FIG. 1 shows a prior art adaptive arrangement for a beam former.
FIG. 2 shows a prior art arrangement for a broadside array composed of two spaced microphones, the two microphone signals being pre-processed by spectral subtraction (SPS).
FIG. 3 is an overview of prior art microphone circuitry arrangement for the formation of the directivity characteristics for two microphones.
 In FIGS. 4 and 5, the present invention will be explained in greater detail in the light of exemplary embodiments with reference to schematic drawings.
FIG. 4 shows 3 block diagrams with unilateral spectral subtraction for the reference input.
FIG. 5 shows an embodiment according to the present invention in which two reference signals are used.
FIG. 4 shows 3 block diagrams with unilateral spectral subtraction for the reference input. The microphones 10, 11 are oriented to receive useful signals from the left in the figures.
 In FIG. 4a, a primary signal P of the beam former (for example, a speech signal) is created using a differential array DA for channels 1, 2 (see arrangement c in FIG. 3), the microphones 10, 11 receiving the useful signals, for example a speech signal. FIGS. 4b and 4 c show creating primary signal P as sum and difference array SD (see arrangements a and b in FIG. 3).
 An interference reference input processes reference signal R with the additional extension of the unilateral spectral subtraction in differential form according to arrangements d and e in FIG. 3. The difference of the useful signal in channel 2 and the interference-suppressed useful signal from channel 1 is applied to adaptive filter H1. Adaptive filter H1 is adapted in the time domain or, in an equivalent form, in the frequency domain using the LMS algorithm. Subsequently, filtered interference reference signal R is subtracted from primary signal P.

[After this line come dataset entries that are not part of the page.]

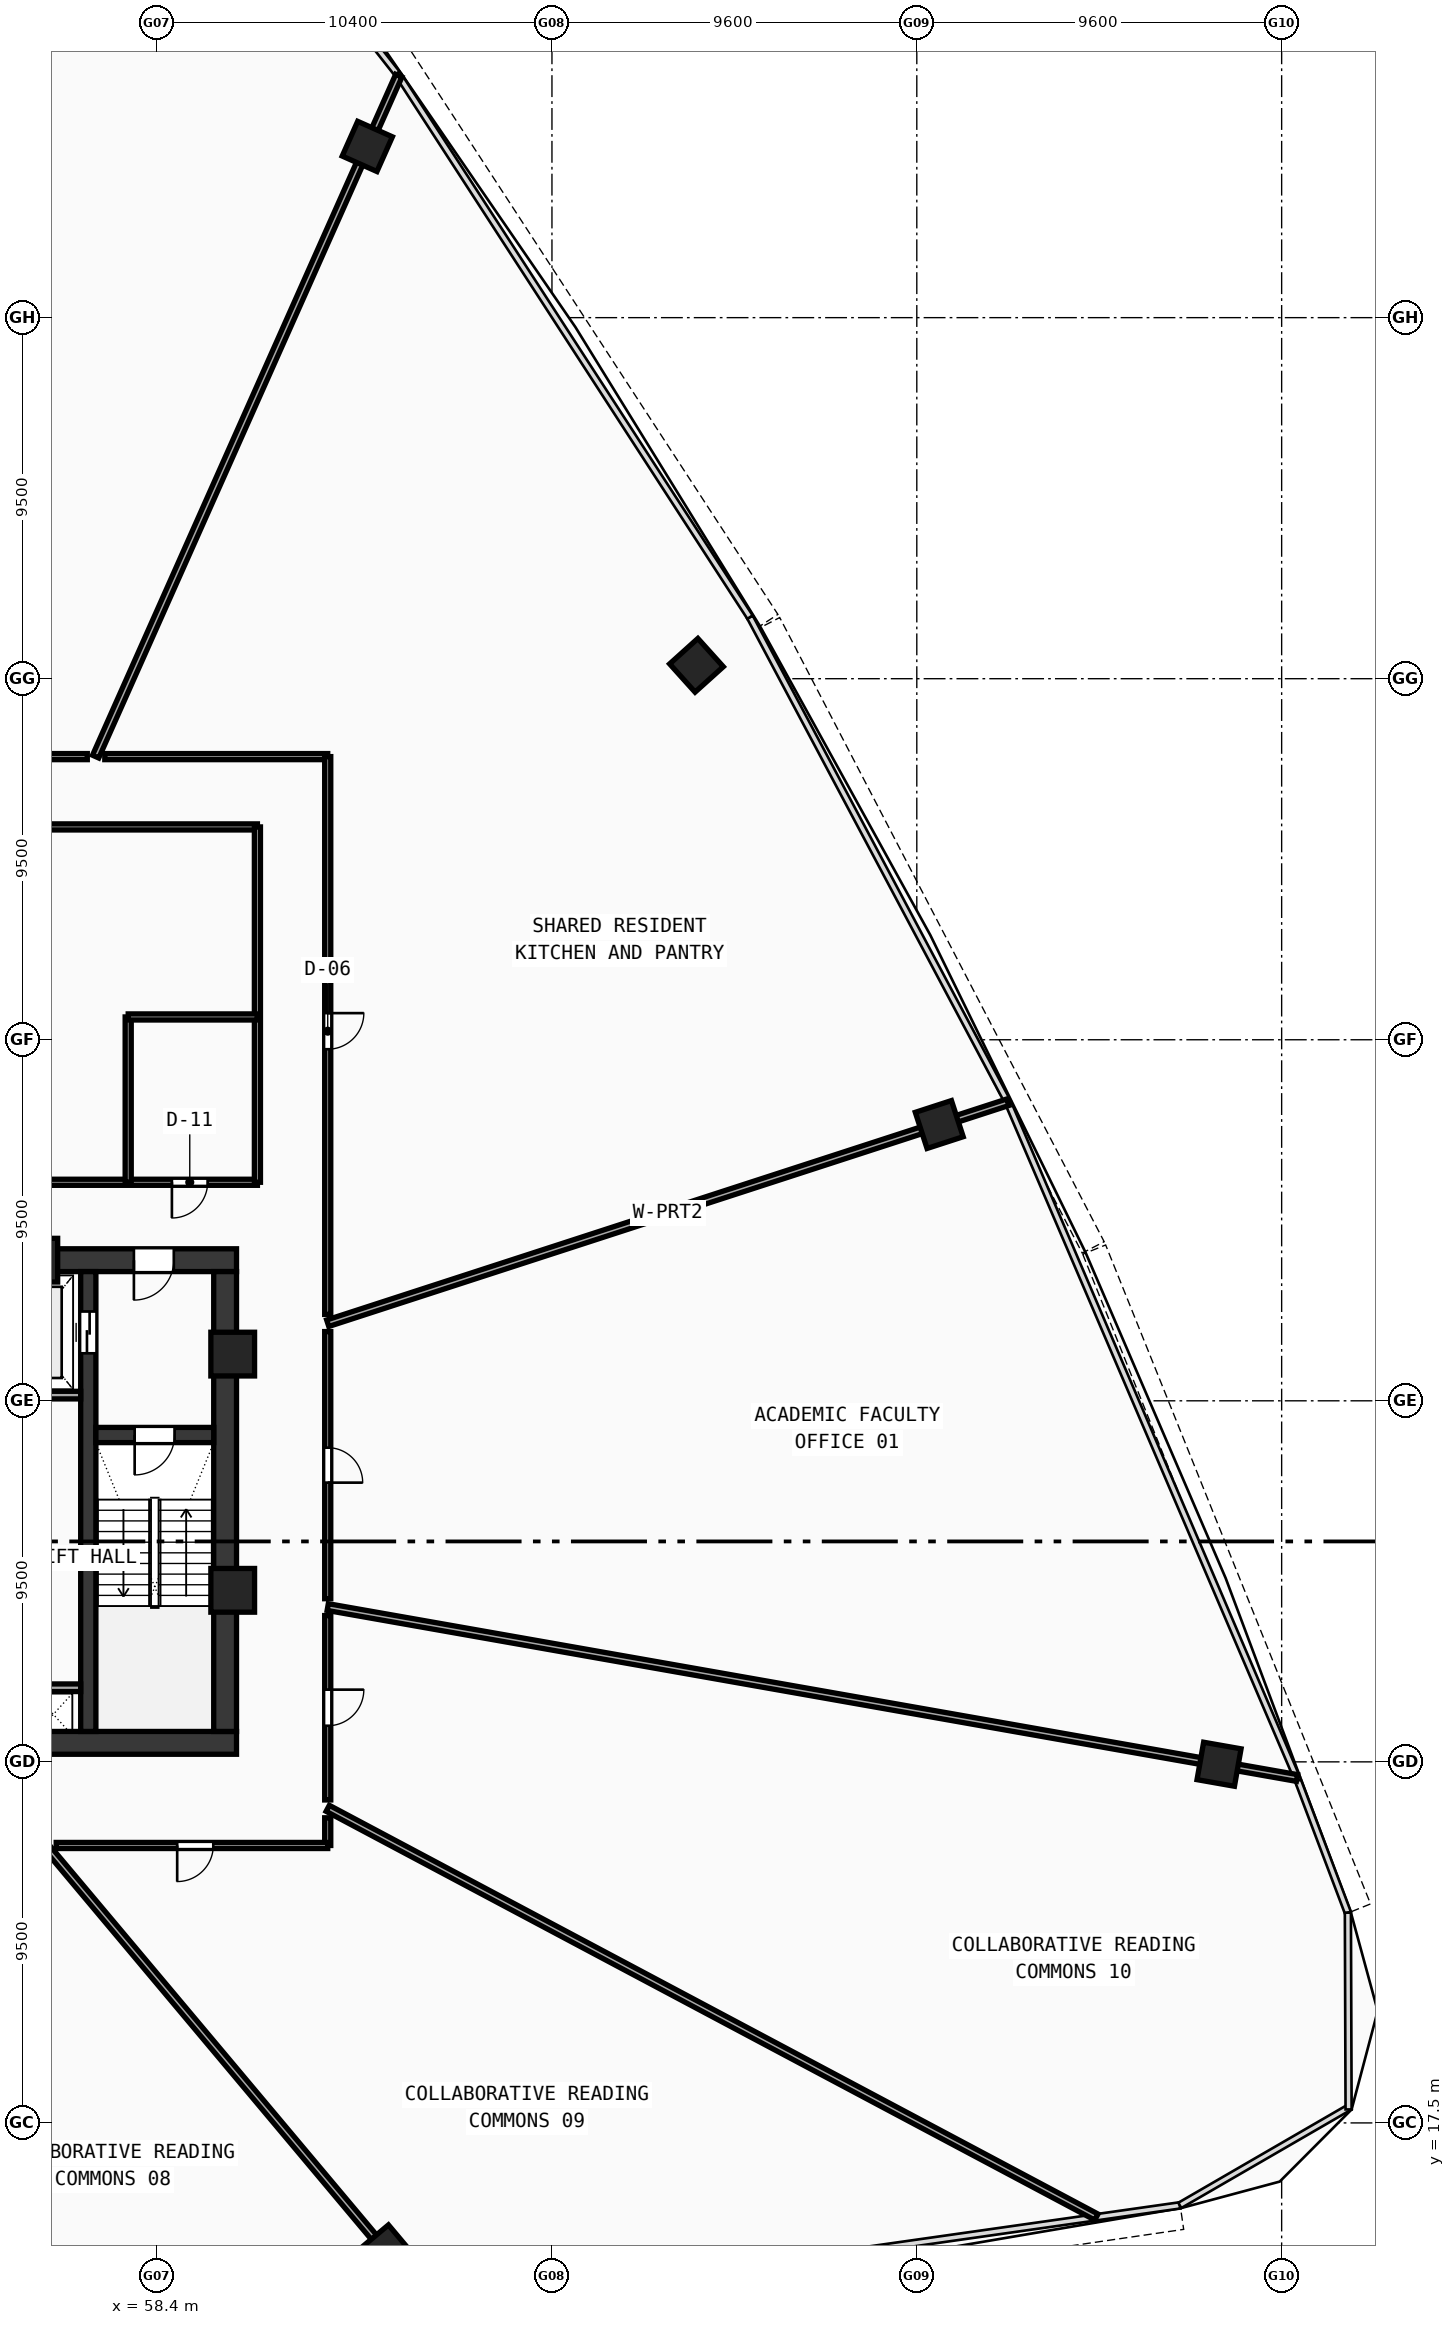
"""IFC4 building model, lengths in metres.
Left out: names, types, materials, properties, quantities, classifications, styles, units other than length and angle.
Written with IfcOpenShell. Run it as: python <this file> out.ifc"""

import sys

from ifc_helpers import new_model, si_unit, direction, frame, frame_2d, origin, origin_with_axes, origin_2d, place, context, subcontext, project, spatial, rectangle, hollow_rectangle, extrude, source, transform, mapped, element, fill, save


model = new_model("IFC4")
c1 = context("Model", 3, precision=1e-05, world=origin(), true_north=direction((0.0, 1.0)))
c2 = subcontext(c1, "Body", "Model", "MODEL_VIEW")
j1 = project(units=[si_unit("LENGTHUNIT", "METRE"), si_unit("PLANEANGLEUNIT", "RADIAN")], contexts=[c1])
p1 = place(None, origin())
s1 = spatial("IfcSite", under=j1, at=p1, CompositionType="ELEMENT")
p2 = place(p1, origin())
s2 = spatial("IfcBuilding", under=s1, at=p2, CompositionType="ELEMENT")
p3 = place(p2, frame((0.0, 0.0, 100.18)))
s3 = spatial("IfcBuildingStorey", under=s2, at=p3, CompositionType="ELEMENT", Elevation=100.18)
p4 = place(p3, frame((35.5, 27.5, 0.0), z_axis=(0.0, 0.0, 1.0), x_axis=(1.0, 0.0, 0.0)))
e1 = element("IfcWall", 1, at=p4, inside=s3, PredefinedType="SHEAR", context=c2, shape_type="SweptSolid", body=[
    extrude(rectangle(XDim=25.0, YDim=0.6, at=frame_2d((12.5, 0.0))), origin(), (0.0, 0.0, 1.0), 3.54),
])
p5 = place(p3, frame((49.2, 40.2, 0.0), z_axis=(0.0, 0.0, 1.0), x_axis=(1.0, 0.0, 0.0)))
e2 = element("IfcWall", 2, at=p5, inside=s3, PredefinedType="SHEAR", context=c2, shape_type="SweptSolid", body=[
    extrude(rectangle(XDim=11.3, YDim=0.6, at=frame_2d((5.65, 0.0))), origin(), (0.0, 0.0, 1.0), 3.54),
])
p6 = place(p5, frame((8.6, 0.0, 0.0)))
e3 = element("IfcOpeningElement", 3, at=p6, cuts=e2, PredefinedType="OPENING", context=c2, shape_type="SweptSolid", body=[
    extrude(rectangle(XDim=1.05, YDim=2.1, at=frame_2d((0.525, 1.05))), frame((0.0, 0.31, 0.0), z_axis=(0.0, -1.0, 0.0), x_axis=(1.0, 0.0, 0.0)), (0.0, 0.0, 1.0), 0.62),
])
p7 = place(p3, frame((60.2, 27.8, 0.0), z_axis=(0.0, 0.0, 1.0), x_axis=(0.0, 1.0, 0.0)))
e4 = element("IfcWall", 4, at=p7, inside=s3, PredefinedType="SHEAR", context=c2, shape_type="SweptSolid", body=[
    extrude(rectangle(XDim=12.1, YDim=0.6, at=frame_2d((6.05, 0.0))), origin(), (0.0, 0.0, 1.0), 3.54),
])
p8 = place(p3, frame((56.6, 27.8, 0.0), z_axis=(0.0, 0.0, 1.0), x_axis=(0.0, 1.0, 0.0)))
e5 = element("IfcWall", 5, at=p8, inside=s3, PredefinedType="SHEAR", context=c2, shape_type="SweptSolid", body=[
    extrude(rectangle(XDim=12.1, YDim=0.4, at=frame_2d((6.05, 0.0))), origin(), (0.0, 0.0, 1.0), 3.54),
])
p9 = place(p8, frame((9.95, 0.0, 0.0)))
e6 = element("IfcOpeningElement", 6, at=p9, cuts=e5, PredefinedType="OPENING", context=c2, shape_type="SweptSolid", body=[
    extrude(rectangle(XDim=1.1, YDim=2.1, at=frame_2d((0.55, 1.05))), frame((0.0, 0.21, 0.0), z_axis=(0.0, -1.0, 0.0), x_axis=(1.0, 0.0, 0.0)), (0.0, 0.0, 1.0), 0.42),
])
p10 = place(p3, frame((56.8, 35.6, 0.0), z_axis=(0.0, 0.0, 1.0), x_axis=(1.0, 0.0, 0.0)))
e7 = element("IfcWall", 7, at=p10, inside=s3, PredefinedType="SHEAR", context=c2, shape_type="SweptSolid", body=[
    extrude(rectangle(XDim=3.1, YDim=0.4, at=frame_2d((1.55, 0.0))), origin(), (0.0, 0.0, 1.0), 3.54),
])
p11 = place(p10, frame((1.02, 0.0, 0.0)))
e8 = element("IfcOpeningElement", 8, at=p11, cuts=e7, PredefinedType="OPENING", context=c2, shape_type="SweptSolid", body=[
    extrude(rectangle(XDim=1.05, YDim=2.1, at=frame_2d((0.525, 1.05))), frame((0.0, 0.21, 0.0), z_axis=(0.0, -1.0, 0.0), x_axis=(1.0, 0.0, 0.0)), (0.0, 0.0, 1.0), 0.42),
])
m1 = source(origin(), c2, "Body", "SweptSolid", [
    extrude(hollow_rectangle(XDim=1.15, YDim=1.15, WallThickness=0.048, at=origin_2d()), origin(), (0.0, 0.0, 1.0), 3.8),
])
for number, where, z_axis, x_axis in (
    (9, (60.4, 31.513, -0.26), (0.0, 0.0, 1.0), (1.0, 0.0, 0.0)),
    (10, (60.4, 37.729, -0.26), (0.0, 0.0, 1.0), (1.0, 0.0, 0.0)),
    (11, (55.219, 40.2, -0.26), (0.0, 0.0, 1.0), (1.0, 0.0, 0.0)),
):
    element("IfcColumn", number, at=place(p3, frame(where, z_axis=z_axis, x_axis=x_axis)), inside=s3, PredefinedType="COLUMN", context=c2, shape_type="MappedRepresentation", body=[
        mapped(m1, transform((0.0, 0.0, 0.0), scale=1.0)),
    ])
m2 = source(origin(), c2, "Body", "SweptSolid", [
    extrude(hollow_rectangle(XDim=1.0, YDim=1.0, WallThickness=0.042, at=origin_2d()), origin(), (0.0, 0.0, 1.0), 3.8),
])
for number, where, z_axis, x_axis in (
    (12, (64.436, 14.112, -0.26), (0.0, 0.0, 1.0), (0.766, 0.643, 0.0)),
    (13, (86.353, 26.938, -0.26), (0.0, 0.0, 1.0), (0.174, 0.985, 0.0)),
    (14, (78.991, 43.77, -0.26), (0.0, 0.0, 1.0), (-0.309, 0.951, 0.0)),
    (15, (72.603, 55.852, -0.26), (0.0, 0.0, 1.0), (-0.669, 0.743, 0.0)),
    (16, (63.941, 69.505, -0.26), (0.0, 0.0, 1.0), (-0.914, 0.407, 0.0)),
):
    element("IfcColumn", number, at=place(p3, frame(where, z_axis=z_axis, x_axis=x_axis)), inside=s3, PredefinedType="COLUMN", context=c2, shape_type="MappedRepresentation", body=[
        mapped(m2, transform((0.0, 0.0, 0.0), scale=1.0)),
    ])
p12 = place(p3, frame((53.68, 36.65, 0.0), z_axis=(0.0, 0.0, 1.0), x_axis=(1.0, 0.0, 0.0)))
e17 = element("IfcWall", 17, at=p12, inside=s3, PredefinedType="SOLIDWALL", context=c2, shape_type="SweptSolid", body=[
    extrude(rectangle(XDim=2.72, YDim=0.2, at=frame_2d((1.36, 0.0))), origin(), (0.0, 0.0, 1.0), 3.54),
])
p13 = place(p3, frame((55.12, 28.95, 0.0), z_axis=(0.0, 0.0, 1.0), x_axis=(1.0, 0.0, 0.0)))
e18 = element("IfcWall", 18, at=p13, inside=s3, PredefinedType="SOLIDWALL", context=c2, shape_type="SweptSolid", body=[
    extrude(rectangle(XDim=1.28, YDim=0.2, at=frame_2d((0.64, 0.0))), origin(), (0.0, 0.0, 1.0), 3.54),
])
p14 = place(p3, frame((45.92, 42.25, 0.0), z_axis=(0.0, 0.0, 1.0), x_axis=(1.0, 0.0, 0.0)))
e19 = element("IfcWall", 19, at=p14, inside=s3, PredefinedType="PARTITIONING", context=c2, shape_type="SweptSolid", body=[
    extrude(rectangle(XDim=15.13, YDim=0.16, at=frame_2d((7.565, 0.0))), origin(), (0.0, 0.0, 1.0), 2.84),
])
p15 = place(p14, frame((2.1, 0.0, 0.0)))
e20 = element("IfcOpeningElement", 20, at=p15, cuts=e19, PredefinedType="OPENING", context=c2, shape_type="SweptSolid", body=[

 A further embodiment of the present invention according to FIG. 5 is to carry out unilateral spectral subtraction ‘SPS1’ once on channel 1 for the useful signal to thereby produce a first reference signal R1 together with the useful signal in channel 2. At a second time, unilateral subtraction ‘SPS2’ is carried out on the useful signal of channel 2 to produce a second reference signal R2 together with the useful signal in channel 1. The result is a system including 2 reference signals which are subtracted from primary signal P. In the case of speech signals, the interference is recorded during the speech pauses in each case with the characteristic of the single microphones and, given speech activity, a null is produced for the speech signal.
 According to the explanations on the block diagrams of FIG. 4, the modification with 2 reference inputs is used for the end fire microphone array or broadside array. FIG. 5 shows the block diagram for the end fire array. The beam former is constituted by channel 1 for the speech signal and two reference channels 2, 3. Each reference input is filtered by an adaptive filter H1 or H2, respectively. The filter compensation is accomplished using a multi-channel LMS algorithm.
 If more than 2 input signals are available, then a unilateral spectral subtraction is carried out in the described way through combination of two inputs at a time to obtain a reference signal. If, for instance, a broadside array including 3 microphones is assumed, 6 combinations follow for the formation of pairs. If, for each pair, allowance is made for the unilateral spectral subtraction to be optionally carried out on one channel or the other, then the number of combinations and, consequently, the number of reference channels is doubled. When working with an array including a plurality of microphones, one uses a limited number out of the possible combinations.
 The present invention is not limited to the recording of the useful signals via microphones but also permits the use of reception systems as, for example, antennas. Useful signals can be any kind of acoustic or electric signals, and as defined herein are signals desired to be processed.